The stuff between the equal signs is predicate calculus, or mathematical logic, the easy stuff. It’s just shorthand, shorthand that I never used to get greasy with my notes. In college, I wanted to learn it, but the professor didn’t want to teach it. He spent half the semester reviewing propositional calculus, which was the last thing I needed.

Moving on.

01 Probability 02

What surprised me was “conditions or constraints.” That takes me back to formal requirements specification, in the mid to late 80’s, where they used an IF…Then… statements to prove the global context of what program proving could only prove locally. Requirements were questions. Or, Prolog assertions that proved themselves.

Constraints are the stuff we deal with in linear programming, so we get some simultaneous equations underpinning our probabilities.

01 The World

The red stuff is the particular outcome. Anything inside the box is the sum of all outcomes. Just take the space outside the distribution as zero, or ground.

Lately, I got caught on the issue of what is the difference between iteration and recursion. I Googled it. I read a lot of that. I’ve done both. I’ve done recursive Cobol, something my IT-based, aka data processing, professor didn’t like. No, it was structured coding all the way. Sorry, but I was way early with objects at that point. But, back to the difference, no none of it really stuck me as significant.

What I really wanted was some explanation based on the Ito/Markov chain notions of memory. So I’ll try to explain it from that point of view. Lets start with iteration.


02 Iteration Iteration has some static or object variables where it saves the results of the latest iteration. I’m using an index and the typical for loop constructs. There are other ways to loop.
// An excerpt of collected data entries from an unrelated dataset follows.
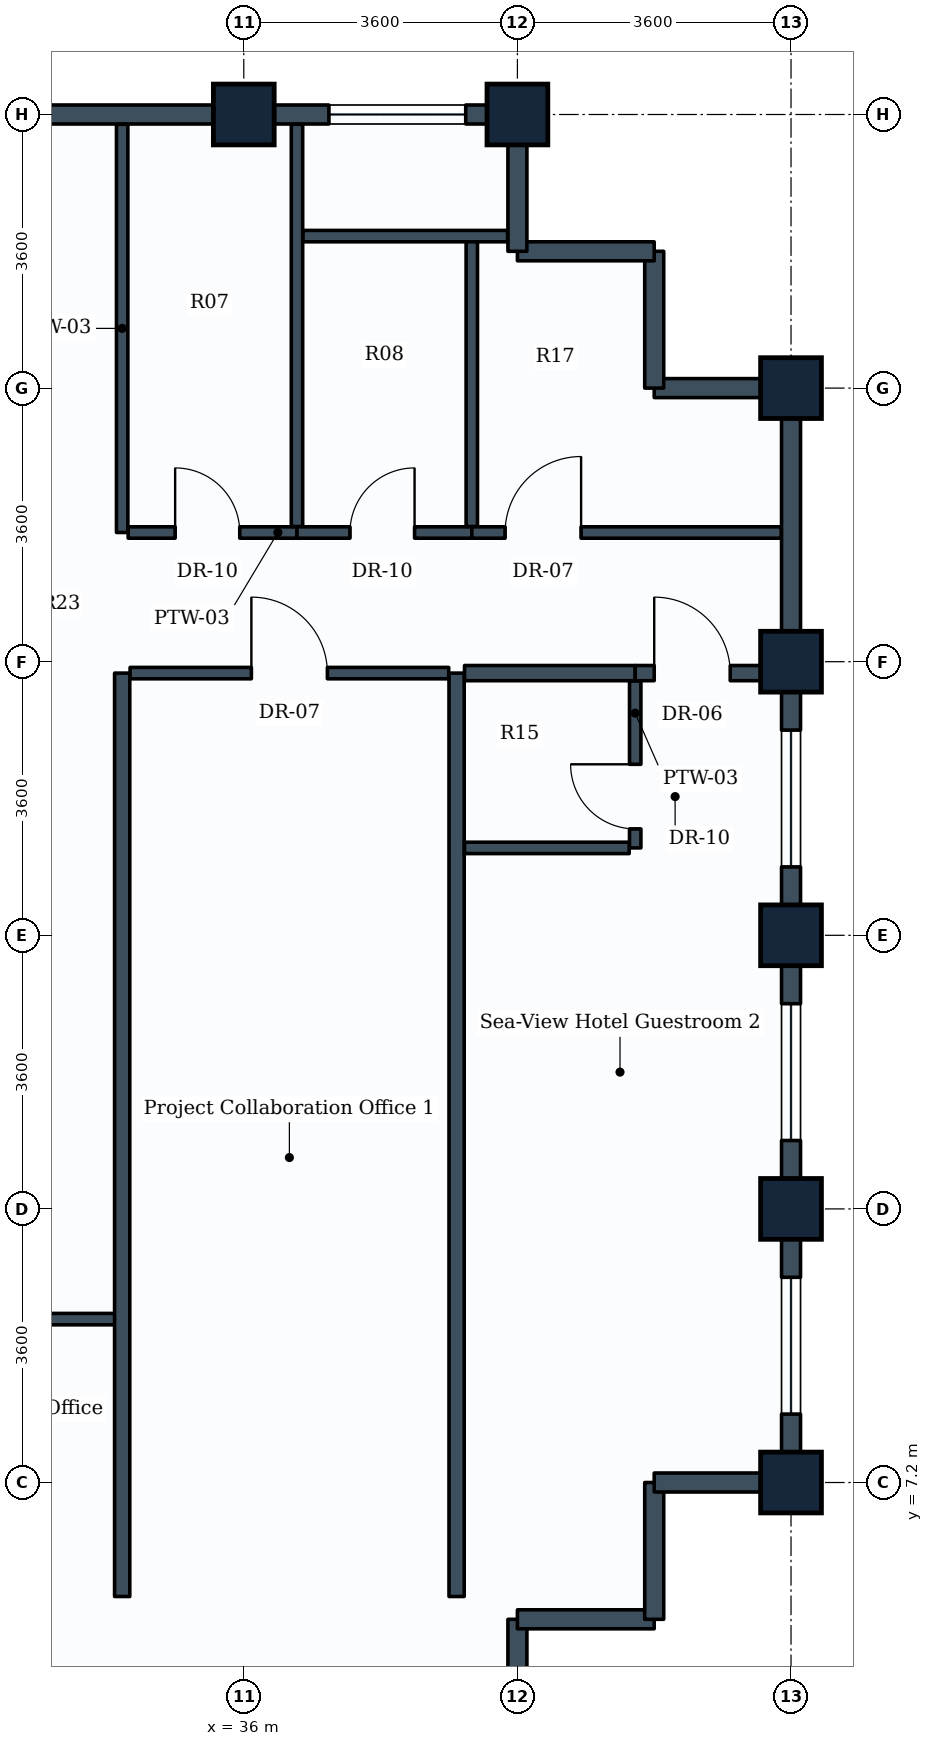
"""IFC4 building model, lengths in metres.
Left out: names, types, materials, properties, quantities, classifications, styles, units other than length and angle.
Written with IfcOpenShell. Run it as: python <this file> out.ifc"""

import sys

from ifc_helpers import new_model, si_unit, direction, frame, frame_2d, origin, origin_2d, place, context, subcontext, project, spatial, rectangle, extrude, element, fill, save


model = new_model("IFC4")
c1 = context("Model", 3, precision=1e-05, world=origin(), true_north=direction((0.0, 1.0)))
c2 = subcontext(c1, "Body", "Model", "MODEL_VIEW")
j1 = project(units=[si_unit("LENGTHUNIT", "METRE"), si_unit("PLANEANGLEUNIT", "RADIAN")], contexts=[c1])
p1 = place(None, origin())
s1 = spatial("IfcSite", under=j1, at=p1, CompositionType="ELEMENT")
p2 = place(p1, origin())
s2 = spatial("IfcBuilding", under=s1, at=p2, CompositionType="ELEMENT")
p3 = place(p2, frame((0.0, 0.0, 242.6)))
s3 = spatial("IfcBuildingStorey", under=s2, at=p3, CompositionType="ELEMENT", Elevation=242.6)
for number, where, z_axis, x_axis in (
    (1, (36.0, 25.2, 0.0), (0.0, 0.0, 1.0), (1.0, 0.0, 0.0)),
    (2, (39.6, 25.2, 0.0), (0.0, 0.0, 1.0), (1.0, 0.0, 0.0)),
    (3, (43.2, 7.2, 0.0), (0.0, 0.0, 1.0), (1.0, 0.0, 0.0)),
    (4, (43.2, 10.8, 0.0), (0.0, 0.0, 1.0), (0.0, 1.0, 0.0)),
    (5, (43.2, 14.4, 0.0), (0.0, 0.0, 1.0), (0.0, 1.0, 0.0)),
    (6, (43.2, 18.0, 0.0), (0.0, 0.0, 1.0), (0.0, 1.0, 0.0)),
    (7, (43.2, 21.6, 0.0), (0.0, 0.0, 1.0), (0.0, 1.0, 0.0)),
):
    element("IfcColumn", number, at=place(p3, frame(where, z_axis=z_axis, x_axis=x_axis)), inside=s3, PredefinedType="COLUMN", context=c2, shape_type="SweptSolid", body=[
        extrude(rectangle(XDim=0.8, YDim=0.8, at=origin_2d()), origin(), (0.0, 0.0, 1.0), 3.6),
    ])
p4 = place(p3, frame((39.6, 5.4, 0.0), z_axis=(0.0, 0.0, 1.0), x_axis=(0.0, -1.0, 0.0)))
e8 = element("IfcWall", 8, at=p4, inside=s3, PredefinedType="STANDARD", context=c2, shape_type="SweptSolid", body=[
    extrude(rectangle(XDim=1.8, YDim=0.25, at=frame_2d((0.9, 0.0))), origin(), (0.0, 0.0, 1.0), 2.83),
])
p5 = place(p3, frame((41.4, 5.4, 0.0), z_axis=(0.0, 0.0, 1.0), x_axis=(-1.0, 0.0, 0.0)))
e9 = element("IfcWall", 9, at=p5, inside=s3, PredefinedType="STANDARD", context=c2, shape_type="SweptSolid", body=[
    extrude(rectangle(XDim=1.8, YDim=0.25, at=frame_2d((0.9, 0.0))), origin(), (0.0, 0.0, 1.0), 3.335),
])
p6 = place(p3, frame((41.4, 7.2, 0.0), z_axis=(0.0, 0.0, 1.0), x_axis=(0.0, -1.0, 0.0)))
e10 = element("IfcWall", 10, at=p6, inside=s3, PredefinedType="STANDARD", context=c2, shape_type="SweptSolid", body=[
    extrude(rectangle(XDim=1.8, YDim=0.25, at=frame_2d((0.9, 0.0))), origin(), (0.0, 0.0, 1.0), 3.335),
])
p7 = place(p3, frame((43.2, 7.2, 0.0), z_axis=(0.0, 0.0, 1.0), x_axis=(-1.0, 0.0, 0.0)))
e11 = element("IfcWall", 11, at=p7, inside=s3, PredefinedType="STANDARD", context=c2, shape_type="SweptSolid", body=[
    extrude(rectangle(XDim=1.8, YDim=0.25, at=frame_2d((0.9, 0.0))), origin(), (0.0, 0.0, 1.0), 2.83),
])
p8 = place(p3, frame((43.2, 10.8, 0.0), z_axis=(0.0, 0.0, 1.0), x_axis=(0.0, -1.0, 0.0)))
e12 = element("IfcWall", 12, at=p8, inside=s3, PredefinedType="STANDARD", context=c2, shape_type="SweptSolid", body=[
    extrude(rectangle(XDim=3.6, YDim=0.25, at=frame_2d((1.8, 0.0))), origin(), (0.0, 0.0, 1.0), 2.83),
])
p9 = place(p8, frame((0.9, 0.0, 0.85)))
e13 = element("IfcOpeningElement", 13, at=p9, cuts=e12, PredefinedType="OPENING", context=c2, shape_type="SweptSolid", body=[
    extrude(rectangle(XDim=1.8, YDim=1.35, at=frame_2d((0.9, 0.675))), frame((0.0, 0.135, 0.0), z_axis=(0.0, -1.0, 0.0), x_axis=(1.0, 0.0, 0.0)), (0.0, 0.0, 1.0), 0.27),
])
p10 = place(p3, frame((43.2, 14.4, 0.0), z_axis=(0.0, 0.0, 1.0), x_axis=(0.0, -1.0, 0.0)))
e14 = element("IfcWall", 14, at=p10, inside=s3, PredefinedType="STANDARD", context=c2, shape_type="SweptSolid", body=[
    extrude(rectangle(XDim=3.6, YDim=0.25, at=frame_2d((1.8, 0.0))), origin(), (0.0, 0.0, 1.0), 2.83),
])
p11 = place(p10, frame((0.9, 0.0, 0.85)))
e15 = element("IfcOpeningElement", 15, at=p11, cuts=e14, PredefinedType="OPENING", context=c2, shape_type="SweptSolid", body=[
    extrude(rectangle(XDim=1.8, YDim=1.35, at=frame_2d((0.9, 0.675))), frame((0.0, 0.135, 0.0), z_axis=(0.0, -1.0, 0.0), x_axis=(1.0, 0.0, 0.0)), (0.0, 0.0, 1.0), 0.27),
])
p12 = place(p3, frame((43.2, 18.0, 0.0), z_axis=(0.0, 0.0, 1.0), x_axis=(0.0, -1.0, 0.0)))
e16 = element("IfcWall", 16, at=p12, inside=s3, PredefinedType="STANDARD", context=c2, shape_type="SweptSolid", body=[
    extrude(rectangle(XDim=3.6, YDim=0.25, at=frame_2d((1.8, 0.0))), origin(), (0.0, 0.0, 1.0), 2.83),
])
p13 = place(p12, frame((0.9, 0.0, 0.85)))
e17 = element("IfcOpeningElement", 17, at=p13, cuts=e16, PredefinedType="OPENING", context=c2, shape_type="SweptSolid", body=[
    extrude(rectangle(XDim=1.8, YDim=1.35, at=frame_2d((0.9, 0.675))), frame((0.0, 0.135, 0.0), z_axis=(0.0, -1.0, 0.0), x_axis=(1.0, 0.0, 0.0)), (0.0, 0.0, 1.0), 0.27),
])
p14 = place(p3, frame((43.2, 21.6, 0.0), z_axis=(0.0, 0.0, 1.0), x_axis=(0.0, -1.0, 0.0)))
e18 = element("IfcWall", 18, at=p14, inside=s3, PredefinedType="STANDARD", context=c2, shape_type="SweptSolid", body=[
    extrude(rectangle(XDim=3.6, YDim=0.25, at=frame_2d((1.8, 0.0))), origin(), (0.0, 0.0, 1.0), 2.83),
])
p15 = place(p3, frame((41.4, 21.6, 0.0), z_axis=(0.0, 0.0, 1.0), x_axis=(1.0, 0.0, 0.0)))
e19 = element("IfcWall", 19, at=p15, inside=s3, PredefinedType="STANDARD", context=c2, shape_type="SweptSolid", body=[
    extrude(rectangle(XDim=1.8, YDim=0.25, at=frame_2d((0.9, 0.0))), origin(), (0.0, 0.0, 1.0), 2.83),
])
for number, where, z_axis, x_axis in (
    (20, (41.4, 23.4, 0.0), (0.0, 0.0, 1.0), (0.0, -1.0, 0.0)),
    (21, (39.6, 23.4, 0.0), (0.0, 0.0, 1.0), (1.0, 0.0, 0.0)),
):
    element("IfcWall", number, at=place(p3, frame(where, z_axis=z_axis, x_axis=x_axis)), inside=s3, PredefinedType="STANDARD", context=c2, shape_type="SweptSolid", body=[
        extrude(rectangle(XDim=1.8, YDim=0.25, at=frame_2d((0.9, 0.0))), origin(), (0.0, 0.0, 1.0), 3.335),
    ])
p16 = place(p3, frame((39.6, 25.2, 0.0), z_axis=(0.0, 0.0, 1.0), x_axis=(0.0, -1.0, 0.0)))
e22 = element("IfcWall", 22, at=p16, inside=s3, PredefinedType="STANDARD", context=c2, shape_type="SweptSolid", body=[
    extrude(rectangle(XDim=1.8, YDim=0.25, at=frame_2d((0.9, 0.0))), origin(), (0.0, 0.0, 1.0), 2.83),
])
p17 = place(p3, frame((36.0, 25.2, 0.0), z_axis=(0.0, 0.0, 1.0), x_axis=(1.0, 0.0, 0.0)))
e23 = element("IfcWall", 23, at=p17, inside=s3, PredefinedType="STANDARD", context=c2, shape_type="SweptSolid", body=[
    extrude(rectangle(XDim=3.6, YDim=0.25, at=frame_2d((1.8, 0.0))), origin(), (0.0, 0.0, 1.0), 2.83),
])
p18 = place(p17, frame((1.12, 0.0, 0.85)))
e24 = element("IfcOpeningElement", 24, at=p18, cuts=e23, PredefinedType="OPENING", context=c2, shape_type="SweptSolid", body=[
    extrude(rectangle(XDim=1.8, YDim=1.35, at=frame_2d((0.9, 0.675))), frame((0.0, 0.135, 0.0), z_axis=(0.0, -1.0, 0.0), x_axis=(1.0, 0.0, 0.0)), (0.0, 0.0, 1.0), 0.27),
])
p19 = place(p3, frame((32.4, 25.2, 0.0), z_axis=(0.0, 0.0, 1.0), x_axis=(1.0, 0.0, 0.0)))
e25 = element("IfcWall", 25, at=p19, inside=s3, PredefinedType="STANDARD", context=c2, shape_type="SweptSolid", body=[
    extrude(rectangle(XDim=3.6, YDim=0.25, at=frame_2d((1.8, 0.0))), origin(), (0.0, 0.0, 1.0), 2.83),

That’s code, but more significantly, is the experiment that we are iterating. The conditions and context of the experiment tell us how much data has to be stored. In iterations, that data is stored, so that it can be shared by all the iterations. Recursion will put this data elsewhere. The iteration generates or eats a sequence of data points. You may want to process those data points, so you have to write them somewhere. The single memory will persist beyond the loop doing the iteration, but it will only show you the latest values.

It can take a long time to iterate to say the next digit in pi. We can quickly forecast some values with some loose accuracy, call it nearly inaccurate, and replace the forecast with accurate values once we obtain those accurate value. Estimators and heuristics do this roughing out, sketching for us. They can be implemented as iterations or recursions. Multiprocessing will push us to recursion.

03 Iteration w Heuristic

Notice that I’ve drawn the heuristic’s arc to and from the same places we used for our initial iterations or cycles. The brown line shows the heuristic unrolled against the original iterations. This hints towards Fourier Analysis with all those waves in the composition appearing here just like the heuristic. That also hints at how a factor analysis could be represented similarly. Some of the loops would be closer together and the indexes would have to be adjusted against a common denominator.

Throughout these figures I’ve drawn a red dot in the center of the state. Petri nets use that notional, but I’m not talking Petri nets here. The red dots were intended to tie the state to the memory. The memory has to do with the processing undertaken within the state, and not the global notions of memory in Markov chains. The memory at any iteration reflects the state of the experiment at that point.


In recursion, the memory is in the stack. Each call has its own memory. That memory is sized by the experiment, and used during the processing in each call. Iteration stops on some specified index, or conditions. Recursion stops calling down the stack based on the invariant and switches to returning up the stack. Processing can happen before the call, before the return, or between the call and the return. Calling and returning are thin operations; processing, thick.

04 Recursion

The individual memories are shown as red vertical lines inside the spiral or tunnel. We start with calls and when we hit the invariant, the blue line, we do the processing and returning. We start at the top of the stack. Each call moves us towards the bottom of the stack, as defined by the invariant. Each return moves us back towards the top of the stack. The graph view shows the location of the invariant. The calling portion of the tunnel is shorter than the processing and returning portion of the tunnel.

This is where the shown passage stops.